Phil Lesh played Grateful Dead’s 6/7/77 Winterland set at BK Bowl (pics, review)
words by by Peter Jurew
To celebrate his 77th birthday, Phil Lesh played a week of shows in the New York area, including two with the Terrapin Family Band at Brooklyn Bowl and three with Phil and Friends at the Capitol Theatre in Port Chester. For the second of his Brooklyn Bowl shows, Phil joined his son Grahame, lead guitarist Ross James, keyboardist Jason Crosby and drummer Alex Koford for a celebratory re-staging of a vintage Grateful Dead Show from —not coincidentally, we suspect —‘77.
Many bands now perform classic albums track for track to re-create the experience fans had listening to the songs in the order they heard them so many times, but the Grateful Dead was never about its studio recordings. Even their finest albums—American Beauty, Mars Hotel and the latter-day In the Dark—merely provided the raw material for their live shows, of which there is now a seemingly endless stream of recordings from various vaults being released. The idea of not just playing set lists but trying to re-create the arrangements and feel of past performances was pioneered by Dark Star Orchestra, one of the original and very best Dead tribute bands.
Phil and Terrapin Family have rarely embraced the concept, but for their March 13 show they chose to recreate the Dead’s June 7, 1977, Winterland concert. Located in the one-time run-down Fillmore district of San Francisco, Winterland Arena was the domain of the irascible Bill Graham that served as the set for The Band in Martin Scorsese’s The Last Waltz as well as the site of an epic Bruce Springsteen concert and the final show by the Sex Pistols in 1978. But it was the Dead who properly “owned” the hall, playing more shows there than anyone else over the course of Winterland’s seven-year history. On that first week of June in 1977, they launched a three-night run that brought to a close one of the highest creative peaks in the band’s long, strange trip — the fabled Spring ’77 run.

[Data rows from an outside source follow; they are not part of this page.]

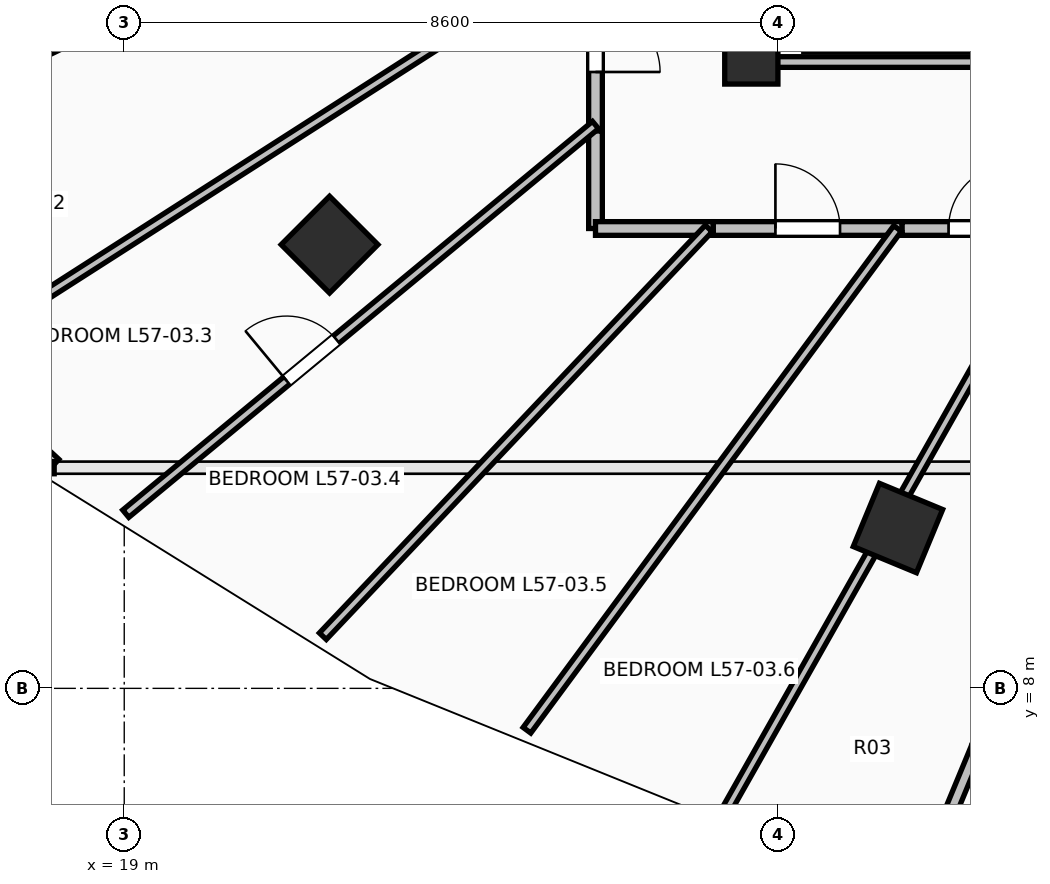
"""IFC4 building model, lengths in metres.
Left out: names, types, materials, properties, quantities, classifications, styles, units other than length and angle.
Written with IfcOpenShell. Run it as: python <this file> out.ifc"""

import sys

from ifc_helpers import new_model, si_unit, direction, frame, frame_2d, origin, origin_2d, place, context, subcontext, project, spatial, rectangle, extrude, element, fill, save


model = new_model("IFC4")
c1 = context("Model", 3, precision=1e-05, world=origin(), true_north=direction((0.0, 1.0)))
c2 = subcontext(c1, "Body", "Model", "MODEL_VIEW")
j1 = project(units=[si_unit("LENGTHUNIT", "METRE"), si_unit("PLANEANGLEUNIT", "RADIAN")], contexts=[c1])
p1 = place(None, origin())
s1 = spatial("IfcSite", under=j1, at=p1, CompositionType="ELEMENT")
p2 = place(p1, origin())
s2 = spatial("IfcBuilding", under=s1, at=p2, CompositionType="ELEMENT")
p3 = place(p2, frame((0.0, 0.0, 210.75)))
s3 = spatial("IfcBuildingStorey", under=s2, at=p3, CompositionType="ELEMENT", Elevation=210.75)
for number, where, z_axis, x_axis in (
    (1, (21.701, 13.838, 0.0), (0.0, 0.0, 1.0), (-0.707, -0.707, 0.0)),
    (2, (29.179, 10.109, 0.0), (0.0, 0.0, 1.0), (-0.383, -0.924, 0.0)),
):
    element("IfcColumn", number, at=place(p3, frame(where, z_axis=z_axis, x_axis=x_axis)), inside=s3, PredefinedType="COLUMN", context=c2, shape_type="SweptSolid", body=[
        extrude(rectangle(XDim=0.9, YDim=0.9, at=origin_2d()), origin(), (0.0, 0.0, 1.0), 3.55),
    ])
p4 = place(p3, frame((27.25, 16.45, 0.0), z_axis=(0.0, 0.0, 1.0), x_axis=(1.0, 0.0, 0.0)))
e3 = element("IfcColumn", 3, at=p4, inside=s3, PredefinedType="PILASTER", context=c2, shape_type="SweptSolid", body=[
    extrude(rectangle(XDim=0.7, YDim=1.0, at=origin_2d()), origin(), (0.0, 0.0, 1.0), 3.55),
])
p5 = place(p3, frame((14.528, 14.139, 0.0), z_axis=(0.0, 0.0, 1.0), x_axis=(0.735359993374, -0.677676678177, 0.0)))
e4 = element("IfcWall", 4, at=p5, inside=s3, PredefinedType="STANDARD", context=c2, shape_type="SweptSolid", body=[
    extrude(rectangle(XDim=4.774, YDim=0.3, at=frame_2d((2.387, 0.0))), origin(), (0.0, 0.0, 1.0), 3.29),
])
p6 = place(p5, frame((1.158, 0.0, 0.85)))
e5 = element("IfcOpeningElement", 5, at=p6, cuts=e4, PredefinedType="OPENING", context=c2, shape_type="SweptSolid", body=[
    extrude(rectangle(XDim=1.2, YDim=1.95, at=frame_2d((0.6, 0.975))), frame((0.0, 0.165, 0.0), z_axis=(0.0, -1.0, 0.0), x_axis=(1.0, 0.0, 0.0)), (0.0, 0.0, 1.0), 0.33),
])
p7 = place(p5, frame((3.195, 0.0, 0.85)))
e6 = element("IfcOpeningElement", 6, at=p7, cuts=e4, PredefinedType="OPENING", context=c2, shape_type="SweptSolid", body=[
    extrude(rectangle(XDim=1.2, YDim=1.95, at=frame_2d((0.6, 0.975))), frame((0.0, 0.165, 0.0), z_axis=(0.0, -1.0, 0.0), x_axis=(1.0, 0.0, 0.0)), (0.0, 0.0, 1.0), 0.33),
])
p8 = place(p3, frame((25.2, 17.735, 0.0), z_axis=(0.0, 0.0, 1.0), x_axis=(0.0, -1.0, 0.0)))
e7 = element("IfcWall", 7, at=p8, inside=s3, PredefinedType="PARTITIONING", context=c2, shape_type="SweptSolid", body=[
    extrude(rectangle(XDim=2.402, YDim=0.18, at=frame_2d((1.201, 0.0))), origin(), (0.0, 0.0, 1.0), 2.482),
])
p9 = place(p8, frame((0.776, 0.0, 0.0)))
e8 = element("IfcOpeningElement", 8, at=p9, cuts=e7, PredefinedType="OPENING", context=c2, shape_type="SweptSolid", body=[
    extrude(rectangle(XDim=0.85, YDim=2.1, at=frame_2d((0.425, 1.05))), frame((0.0, 0.105, 0.0), z_axis=(0.0, -1.0, 0.0), x_axis=(1.0, 0.0, 0.0)), (0.0, 0.0, 1.0), 0.21),
])
p10 = place(p3, frame((25.2, 15.333, 0.0), z_axis=(0.0, 0.0, 1.0), x_axis=(0.0, -1.0, 0.0)))
e9 = element("IfcWall", 9, at=p10, inside=s3, PredefinedType="PARTITIONING", context=c2, shape_type="SweptSolid", body=[
    extrude(rectangle(XDim=1.283, YDim=0.18, at=frame_2d((0.642, 0.0))), origin(), (0.0, 0.0, 1.0), 2.482),
])
p11 = place(p3, frame((25.2, 14.05, 0.0), z_axis=(0.0, 0.0, 1.0), x_axis=(1.0, 0.0, 0.0)))
e10 = element("IfcWall", 10, at=p11, inside=s3, PredefinedType="PARTITIONING", context=c2, shape_type="SweptSolid", body=[
    extrude(rectangle(XDim=1.55, YDim=0.18, at=frame_2d((0.775, 0.0))), origin(), (0.0, 0.0, 1.0), 2.936),
])
p12 = place(p3, frame((26.75, 14.05, 0.0), z_axis=(0.0, 0.0, 1.0), x_axis=(1.0, 0.0, 0.0)))
e11 = element("IfcWall", 11, at=p12, inside=s3, PredefinedType="PARTITIONING", context=c2, shape_type="SweptSolid", body=[
    extrude(rectangle(XDim=2.484, YDim=0.18, at=frame_2d((1.242, 0.0))), origin(), (0.0, 0.0, 1.0), 2.482),
])
p13 = place(p12, frame((0.817, 0.0, 0.0)))
e12 = element("IfcOpeningElement", 12, at=p13, cuts=e11, PredefinedType="OPENING", context=c2, shape_type="SweptSolid", body=[
    extrude(rectangle(XDim=0.85, YDim=2.1, at=frame_2d((0.425, 1.05))), frame((0.0, 0.105, 0.0), z_axis=(0.0, -1.0, 0.0), x_axis=(1.0, 0.0, 0.0)), (0.0, 0.0, 1.0), 0.21),
])
p14 = place(p3, frame((29.234, 14.05, 0.0), z_axis=(0.0, 0.0, 1.0), x_axis=(1.0, 0.0, 0.0)))
e13 = element("IfcWall", 13, at=p14, inside=s3, PredefinedType="PARTITIONING", context=c2, shape_type="SweptSolid", body=[
    extrude(rectangle(XDim=2.072, YDim=0.18, at=frame_2d((1.036, 0.0))), origin(), (0.0, 0.0, 1.0), 3.29),
])
p15 = place(p14, frame((0.611, 0.0, 0.0)))
e14 = element("IfcOpeningElement", 14, at=p15, cuts=e13, PredefinedType="OPENING", context=c2, shape_type="SweptSolid", body=[
    extrude(rectangle(XDim=0.85, YDim=2.1, at=frame_2d((0.425, 1.05))), frame((0.0, 0.105, 0.0), z_axis=(0.0, -1.0, 0.0), x_axis=(1.0, 0.0, 0.0)), (0.0, 0.0, 1.0), 0.21),
])
p16 = place(p3, frame((14.217, 14.579, 0.0), z_axis=(0.0, 0.0, 1.0), x_axis=(0.901423599975, 0.432938209689, 0.0)))
e15 = element("IfcWall", 15, at=p16, inside=s3, PredefinedType="PARTITIONING", context=c2, shape_type="SweptSolid", body=[
    extrude(rectangle(XDim=12.184, YDim=0.125, at=frame_2d((6.092, 0.0))), origin(), (0.0, 0.0, 1.0), 2.482),
])
p17 = place(p3, frame((16.555, 12.272, 0.0), z_axis=(0.0, 0.0, 1.0), x_axis=(0.842221721565, 0.539131312135, 0.0)))
e16 = element("IfcWall", 16, at=p17, inside=s3, PredefinedType="PARTITIONING", context=c2, shape_type="SweptSolid", body=[
    extrude(rectangle(XDim=10.265, YDim=0.125, at=frame_2d((5.132, 0.0))), origin(), (0.0, 0.0, 1.0), 2.482),
])
p18 = place(p3, frame((19.02, 10.298, 0.0), z_axis=(0.0, 0.0, 1.0), x_axis=(0.770494327523, 0.637446853671, 0.0)))
e17 = element("IfcWall", 17, at=p18, inside=s3, PredefinedType="PARTITIONING", context=c2, shape_type="SweptSolid", body=[
    extrude(rectangle(XDim=8.021, YDim=0.125, at=frame_2d((4.01, 0.0))), origin(), (0.0, 0.0, 1.0), 2.482),
])
p19 = place(p18, frame((2.746, 0.0, 0.0)))
e18 = element("IfcOpeningElement", 18, at=p19, cuts=e17, PredefinedType="OPENING", context=c2, shape_type="SweptSolid", body=[
    extrude(rectangle(XDim=0.85, YDim=2.1, at=frame_2d((0.425, 1.05))), frame((0.0, 0.077, 0.0), z_axis=(0.0, -1.0, 0.0), x_axis=(1.0, 0.0, 0.0)), (0.0, 0.0, 1.0), 0.155),
])
p20 = place(p3, frame((21.613, 8.686, 0.0), z_axis=(0.0, 0.0, 1.0), x_axis=(0.68740257318, 0.726276601844, 0.0)))
e19 = element("IfcWall", 19, at=p20, inside=s3, PredefinedType="PARTITIONING", context=c2, shape_type="SweptSolid", body=[
    extrude(rectangle(XDim=7.386, YDim=0.125, at=frame_2d((3.693, 0.0))), origin(), (0.0, 0.0, 1.0), 2.824),
])
p21 = place(p3, frame((24.298, 7.449, 0.0), z_axis=(0.0, 0.0, 1.0), x_axis=(0.594148459094, 0.804355399408, 0.0)))
e20 = element("IfcWall", 20, at=p21, inside=s3, PredefinedType="PARTITIONING", context=c2, shape_type="SweptSolid", body=[
    extrude(rectangle(XDim=8.207, YDim=0.125, at=frame_2d((4.103, 0.0))), origin(), (0.0, 0.0, 1.0), 2.482),
])
p22 = place(p3, frame((26.916, 6.389, 0.0), z_axis=(0.0, 0.0, 1.0), x_axis=(0.492046286697, 0.870569039047, 0.0)))
e21 = element("IfcWall", 21, at=p22, inside=s3, PredefinedType="PARTITIONING", context=c2, shape_type="SweptSolid", body=[
    extrude(rectangle(XDim=8.8, YDim=0.125, at=frame_2d((4.4, 0.0))), origin(), (0.0, 0.0, 1.0), 2.482),
])
p23 = place(p3, frame((29.602, 5.725, 0.0), z_axis=(0.0, 0.0, 1.0), x_axis=(0.382789247432, 0.923835695376, 0.0)))
e22 = element("IfcWall", 22, at=p23, inside=s3, PredefinedType="PARTITIONING", context=c2, shape_type="SweptSolid", body=[
    extrude(rectangle(XDim=1.643, YDim=0.16, at=frame_2d((0.822, 0.0))), origin(), (0.0, 0.0, 1.0), 3.29),
])
p24 = place(p3, frame((27.45, 23.754, 0.0), z_axis=(0.0, 0.0, 1.0), x_axis=(0.0, -1.0, 0.0)))
e23 = element("IfcWall", 23, at=p24, inside=s3, PredefinedType="PARTITIONING", context=c2, shape_type="SweptSolid", body=[
    extrude(rectangle(XDim=7.514, YDim=0.14, at=frame_2d((3.757, 0.0))), origin(), (0.0, 0.0, 1.0), 2.482),
])
p25 = place(p3, frame((27.45, 16.24, 0.0), z_axis=(0.0, 0.0, 1.0), x_axis=(1.0, 0.0, 0.0)))
e24 = element("IfcWall", 24, at=p25, inside=s3, PredefinedType="PARTITIONING", context=c2, shape_type="SweptSolid", body=[
    extrude(rectangle(XDim=3.745, YDim=0.14, at=frame_2d((1.873, 0.0))), origin(), (0.0, 0.0, 1.0), 2.482),
])
p26 = place(p9, origin())
e25 = element("IfcDoor", 25, at=p26, inside=s3, OperationType="SINGLE_SWING_RIGHT", PredefinedType="DOOR", context=c2, shape_type="SweptSolid", body=[
    extrude(rectangle(XDim=0.85, YDim=2.1, at=frame_2d((0.425, 1.05))), frame((0.0, 0.025, 0.0), z_axis=(0.0, -1.0, 0.0), x_axis=(1.0, 0.0, 0.0)), (0.0, 0.0, 1.0), 0.05),
])
fill(e8, e25)
p27 = place(p13, origin())
e26 = element("IfcDoor", 26, at=p27, inside=s3, OperationType="SINGLE_SWING_LEFT", PredefinedType="DOOR", context=c2, shape_type="SweptSolid", body=[
    extrude(rectangle(XDim=0.85, YDim=2.1, at=frame_2d((0.425, 1.05))), frame((0.0, 0.025, 0.0), z_axis=(0.0, -1.0, 0.0), x_axis=(1.0, 0.0, 0.0)), (0.0, 0.0, 1.0), 0.05),
])
fill(e12, e26)
p28 = place(p15, origin())
e27 = element("IfcDoor", 27, at=p28, inside=s3, OperationType="SINGLE_SWING_RIGHT", PredefinedType="DOOR", context=c2, shape_type="SweptSolid", body=[
    extrude(rectangle(XDim=0.85, YDim=2.1, at=frame_2d((0.425, 1.05))), frame((0.0, 0.025, 0.0), z_axis=(0.0, -1.0, 0.0), x_axis=(1.0, 0.0, 0.0)), (0.0, 0.0, 1.0), 0.05),
])
fill(e14, e27)
p29 = place(p19, origin())
e28 = element("IfcDoor", 28, at=p29, inside=s3, OperationType="SINGLE_SWING_LEFT", PredefinedType="DOOR", context=c2, shape_type="SweptSolid", body=[
    extrude(rectangle(XDim=0.85, YDim=2.1, at=frame_2d((0.425, 1.05))), frame((0.0, 0.025, 0.0), z_axis=(0.0, -1.0, 0.0), x_axis=(1.0, 0.0, 0.0)), (0.0, 0.0, 1.0), 0.05),
])
fill(e18, e28)
save(model, sys.argv[1])

Today, much of the Fillmore district, along with the rest of San Francisco, has been transformed into impossibly expensive real estate, but Peter Shapiro, New York’s modern-day Bill Graham, has kept the flame alive with his Brooklyn Bowl and Capitol Theatre serving as homes to the many offshoots and iterations of the music that began in the Bay Area half a century ago.
The Terrapin Family Band has grown from the house band at the Lesh family’s Terrapin Crossroads restaurant and performance space in San Rafael into one of the major Grateful Dead-related touring acts. They appeared with father Phil at Brooklyn Bowl in February and traveled back east to be part of the week-long birthday celebration. Joining them on both nights this time around was Eric Krasno — guitarist, singer, songwriter, producer and member of Soulive, Lettuce and several other musical projects. Lesh’s subsequent appearances at the Capitol as Phil & Friends included Joan Osborne, guitarists John Kadlecik and Stanley Jordan, Terrapin keyboardist Jason Crosby and Mark Levy on drums.
As a sign of the times, between sets at the second Brooklyn Bowl show three lawerly-looking men appeared on stage to make an announcement that ultimately brought cheers from the crowd. A representative of Guernsey’s auction house recounted how, two decades ago, Jerry Garcia’s famous Wolf guitar was auctioned for nearly $1 million, at the time one of the highest amounts ever paid for a piece of rock memorabilia. Concerned about the current direction of our nation, Wolf’s buyer, who remained anonymous, has now asked Guernsey’s to put the guitar back on auction, with all proceeds to be directed to the Southern Poverty Law Center. “If what the Southern Poverty Law Center stands for and does has ever been needed, it’s now” was the message delivered to the crowd. Founded in 1971, the Southern Poverty Law Center (SPLC) is a nonprofit legal advocacy group that, among its many activities, has won notable victories against white supremacist groups. The SPLC is also involved in cases of discrimination based on gender and sexual orientation, the treatment of illegal immigrants and issues of separation between church and state. Bids for Wolf will be accepted online through May 31, when the live auction will take place at Brooklyn Bowl.
Pictures of the March 13 Brooklyn Bowl show are in the gallery above.
March 13 Set List (originally performed at Winterland, 6/7/1977)
Set 1: Bertha; Jack Straw; Tennessee Jed; Looks Like Rain; Peggy-O; Funiculi Funicula; El Paso; Friend Of The Devil; The Music Never Stopped.
Set 2: Scarlet Begonias -> Fire On The Mountain -> Good Lovin'; Candyman; Estimated Prophet -> He’s Gone -> Drums -> Samson And Delilah; Terrapin Station ->Morning Dew ->Around And Around. Encore: Uncle John’s Band; U.S. Blues.